About going back in version, I guess we should consider that if and only if we find a library that provides this functionality. It is supported in most libraries from the web-world, though I'm not sure such libraries exist for C++. If we don't find such library, then we can/should skip writing that ourselves.

I'm not sure why would there be a need for that?

I'm mostly worried about making life miserable for our beta testers. That would mean only going back one version (or, as many versions as we put in between the latest stable release and the beta version (maaaybe latest stable or latest nightly). Recently we just add new columns and new things. Problem would be that removing a whole column would mean removing data, and we can't state the version is 0.0.1 if it has columns that belong in 0.0.2 because then migration from 0.0.1 to 0.0.2 wouldn't work (I say columns but it can be other things). So I'm not sure. Thoughts?

I'm mostly worried about making life miserable for our beta testers. That would mean only going back one version

Well, if you support moving back one version, you automatically support moving back to as many versions you like. That is, when adding a new database version, you need to add something like an undo command, which rolls forward and backward the database. And to limit this rollback to one version only, you just need to remove the undo branches from all the commands for previous versions, which is a bit strange pipeline.

Another questions is, what happens if we update the database twice during the same beta-testing phase? It will still make the life of testers miserable :)

Btw, here is the explanation of how it works in Ruby on Rails: https://guides.rubyonrails.org/active_record_migrations.html

Basically, they have extremely high-level language for defining migrations, which allows auto-generation of undo-steps. You just write "add a column with these fields" and it automatically generates redo and undo steps.

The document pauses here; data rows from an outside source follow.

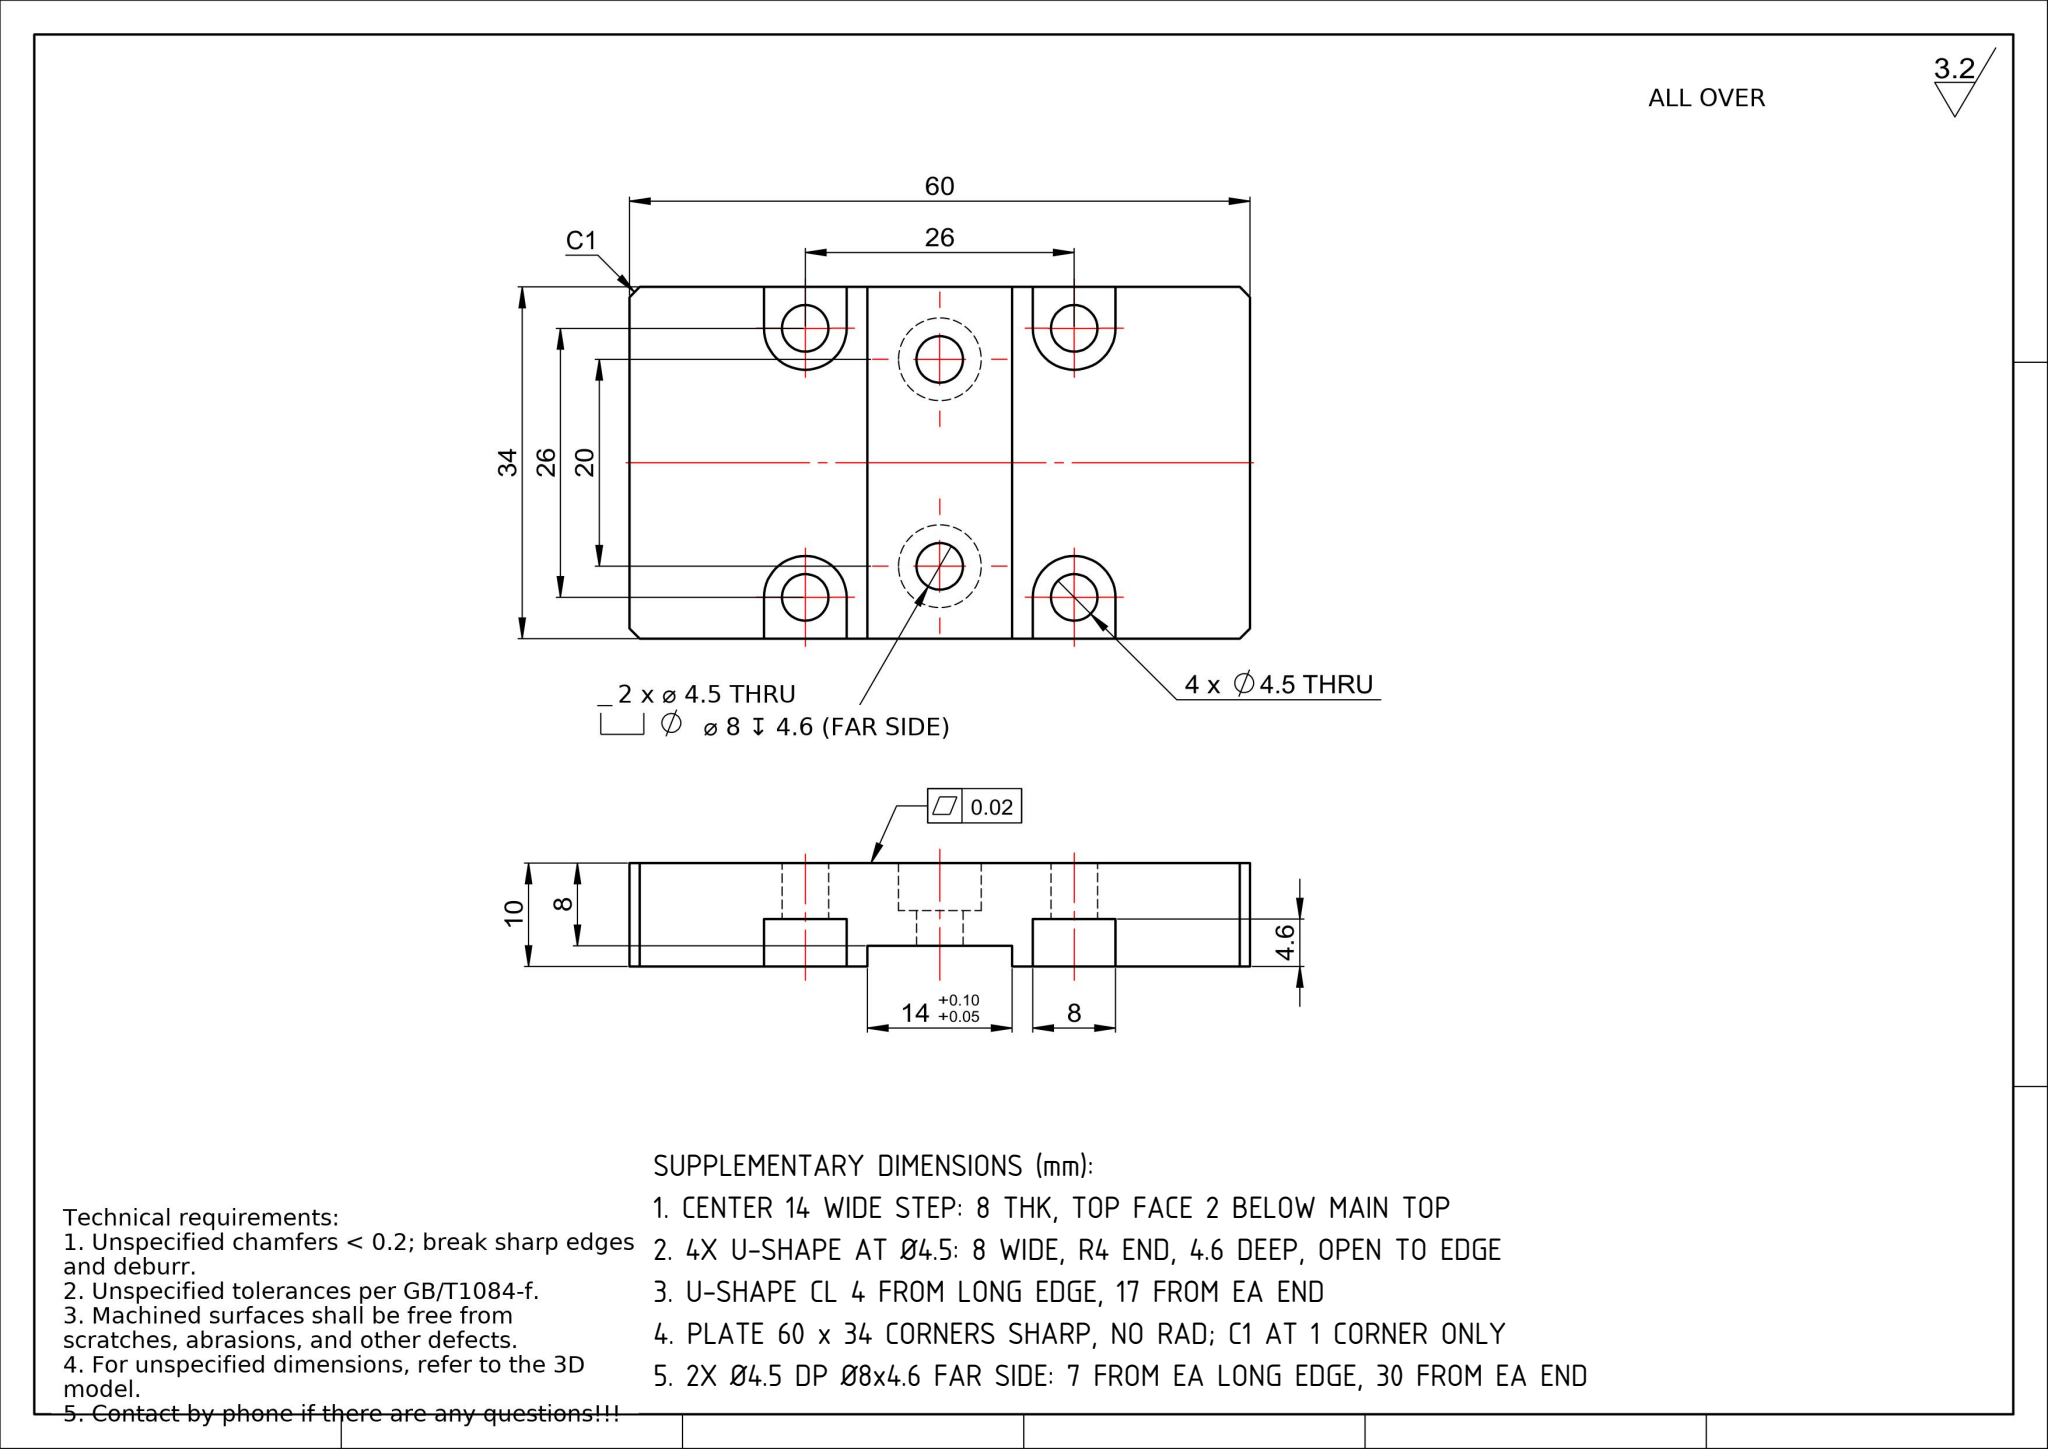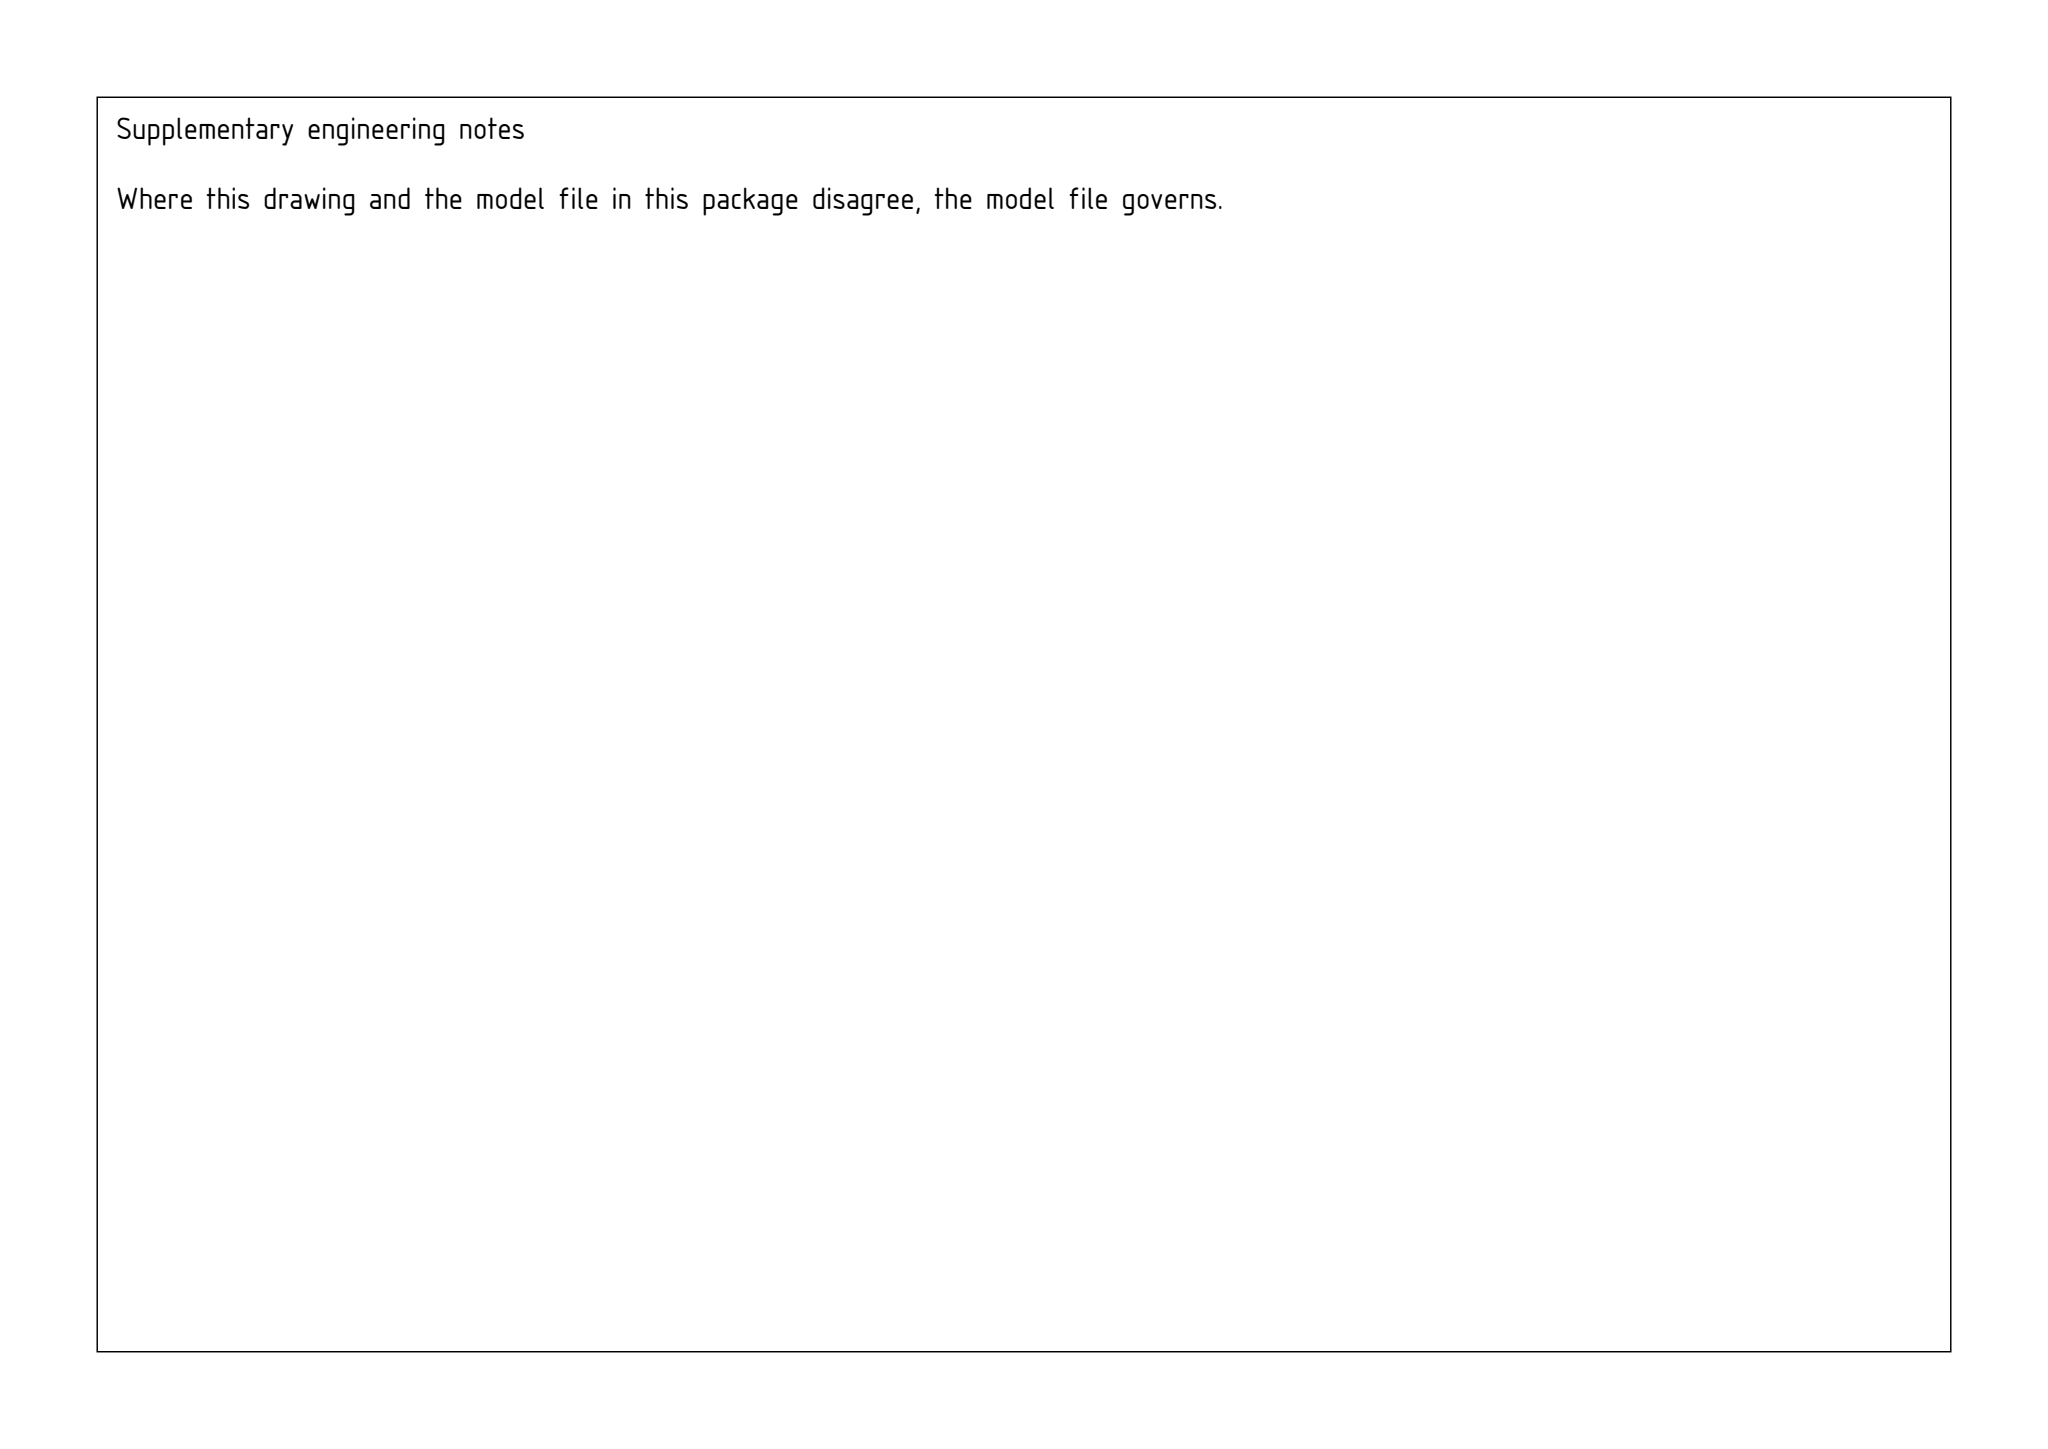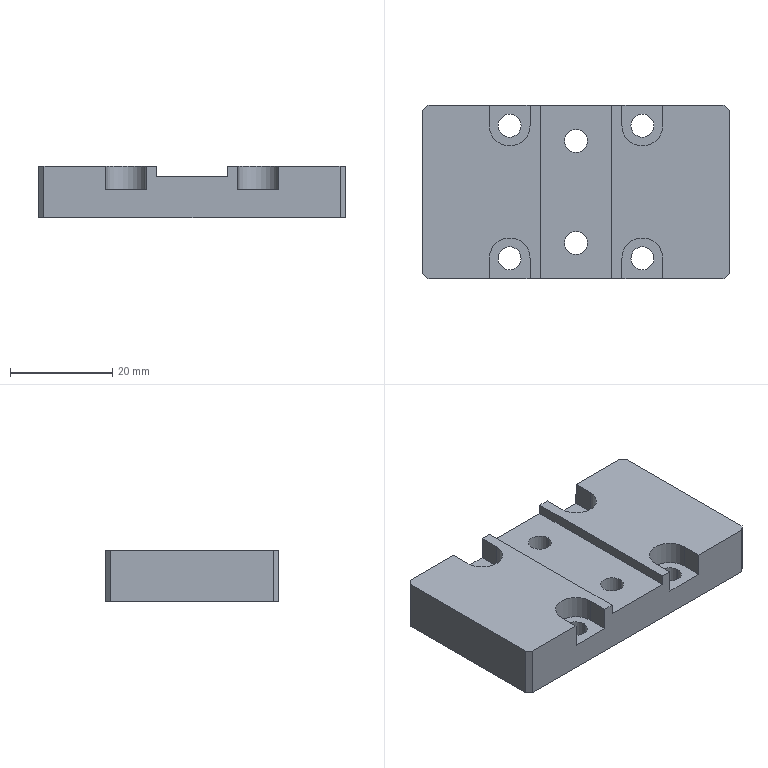Part | SolidWorks | mm | 1 solid | 48 faces | box 60 x 34 x 10 mm | volume 17463 mm3 | plane 28 | cylinder 20 | commonest cylinder face diameters 4.5 x12 8 x8
build123d program:
from build123d import *

# Parameters (mm, degrees)
SKETCH1_W                                            = 60
SKETCH1_H                                            = 34
BOSS_EXTRUDE1_DEPTH                                  = 5
SKETCH2_W                                            = 14
SKETCH2_H                                            = 42.172
CUT_EXTRUDE1_DEPTH                                   = 2
SKETCH5_R                                            = 2.25
CUT_EXTRUDE2_DEPTH                                   = 36.903
CUT_EXTRUDE3_DEPTH                                   = 4.6
HOLE_SIZE_ACCORDING_TO_HEXAGON_SOCKET_HE_D           = 4.5
HOLE_SIZE_ACCORDING_TO_HEXAGON_SOCKET_HE_CBORE_D     = 8
HOLE_SIZE_ACCORDING_TO_HEXAGON_SOCKET_HE_CBORE_DEPTH = 4.6
CHAMFER1_SIZE                                        = 1


with BuildPart() as part:
    # Sketch1 → Boss-Extrude1 (new, symmetric)
    with BuildSketch(Plane.XY):
        Rectangle(SKETCH1_W, SKETCH1_H)
    extrude(amount=BOSS_EXTRUDE1_DEPTH, both=True)

    # Sketch2 → Cut-Extrude1 (cut)
    with BuildSketch(Plane.XY.offset(5)):
        Rectangle(SKETCH2_W, SKETCH2_H)
    extrude(amount=-CUT_EXTRUDE1_DEPTH, mode=Mode.SUBTRACT)

    # Sketch5 → Cut-Extrude2 (cut, through all)
    with BuildSketch(Plane.XY.offset(5)):
        with Locations((-13, 13)):
            Circle(SKETCH5_R)
        with Locations((-13, -13)):
            Circle(SKETCH5_R)
        with Locations((13, 13)):
            Circle(SKETCH5_R)
        with Locations((13, -13)):
            Circle(SKETCH5_R)
    extrude(amount=-CUT_EXTRUDE2_DEPTH, mode=Mode.SUBTRACT)

    # Sketch6 → Cut-Extrude3 (cut)
    with BuildSketch(Plane.XY.offset(5)):
        with BuildLine():
            Line((-17, 13), (-17, 19.725))
            ThreePointArc((-17, 19.725), (-13, 23.725), (-9, 19.725))
            Line((-9, 19.725), (-9, 13))
            ThreePointArc((-9, 13), (-13, 9), (-17, 13))
        make_face()
        with BuildLine():
            Line((9, 13), (9, 19.725))
            ThreePointArc((9, 19.725), (13, 23.725), (17, 19.725))
            Line((17, 19.725), (17, 13))
            ThreePointArc((17, 13), (13, 9), (9, 13))
        make_face()
        with BuildLine():
            Line((-9, -13), (-9, -19.725))
            ThreePointArc((-9, -19.725), (-13, -23.725), (-17, -19.725))
            Line((-17, -19.725), (-17, -13))
            ThreePointArc((-17, -13), (-13, -9), (-9, -13))
        make_face()
        with BuildLine():
            Line((17, -13), (17, -19.725))
            ThreePointArc((17, -19.725), (13, -23.725), (9, -19.725))
            Line((9, -19.725), (9, -13))
            ThreePointArc((9, -13), (13, -9), (17, -13))
        make_face()
    extrude(amount=-CUT_EXTRUDE3_DEPTH, mode=Mode.SUBTRACT)

    # Hole Size according to Hexagon Socket He (through all)
    with Locations(Plane(origin=(0, 0, -5), x_dir=(-1, 0, 0), z_dir=(0, 0, -1))):
        with Locations((0, -10), (0, 10)):
            CounterBoreHole(HOLE_SIZE_ACCORDING_TO_HEXAGON_SOCKET_HE_D / 2, HOLE_SIZE_ACCORDING_TO_HEXAGON_SOCKET_HE_CBORE_D / 2, HOLE_SIZE_ACCORDING_TO_HEXAGON_SOCKET_HE_CBORE_DEPTH)

    # Chamfer1
    chamfer1_edges = [part.edges().sort_by_distance(p)[0] for p in [
        (30, -17, 0),
        (-30, -17, 0),
        (-30, 17, 0),
        (30, 17, 0),
    ]]
    chamfer(chamfer1_edges, length=CHAMFER1_SIZE)


solid = part.part

I don't think we have enough motivation to write such extensive system ourselves, but if we found a library allowing us to do that, we could use it for our benefit. The only price for us would be to write proper tests for these migrations (which we need to write anyway).

Google says that the most popular Python-based migrations library (after Django) is Alembic. It also has undocommand-like API, though it doesn't have auto-generation of the undo steps.

https://alembic.sqlalchemy.org/en/latest/tutorial.html#running-our-first-migration

dkazakov added a comment.EditedFeb 23 2022, 7:20 AM

And it seems like there is a golang-based tool that allows auto-generation of SQL files for migrations (redo+undo steps). We could actually use that: generate undo/redo SQL files with the tool and add them into the C++ wrapper that fills in the data in the new columns if needed.

https://github.com/golang-migrate/migrate/blob/master/database/postgres/TUTORIAL.md

It's not only about the database schema though. For example, one of the recent changes in the database schema was adding the "active" column in resources_tags database. So, if someone uses the current stable nightly to tag and untag resources, and would go back to before that change, the column would disappear, right? So then all tag-resources pair would denote that the resource is tagged, even though the user untagged it. And there can be other unforeseen now issues in the future.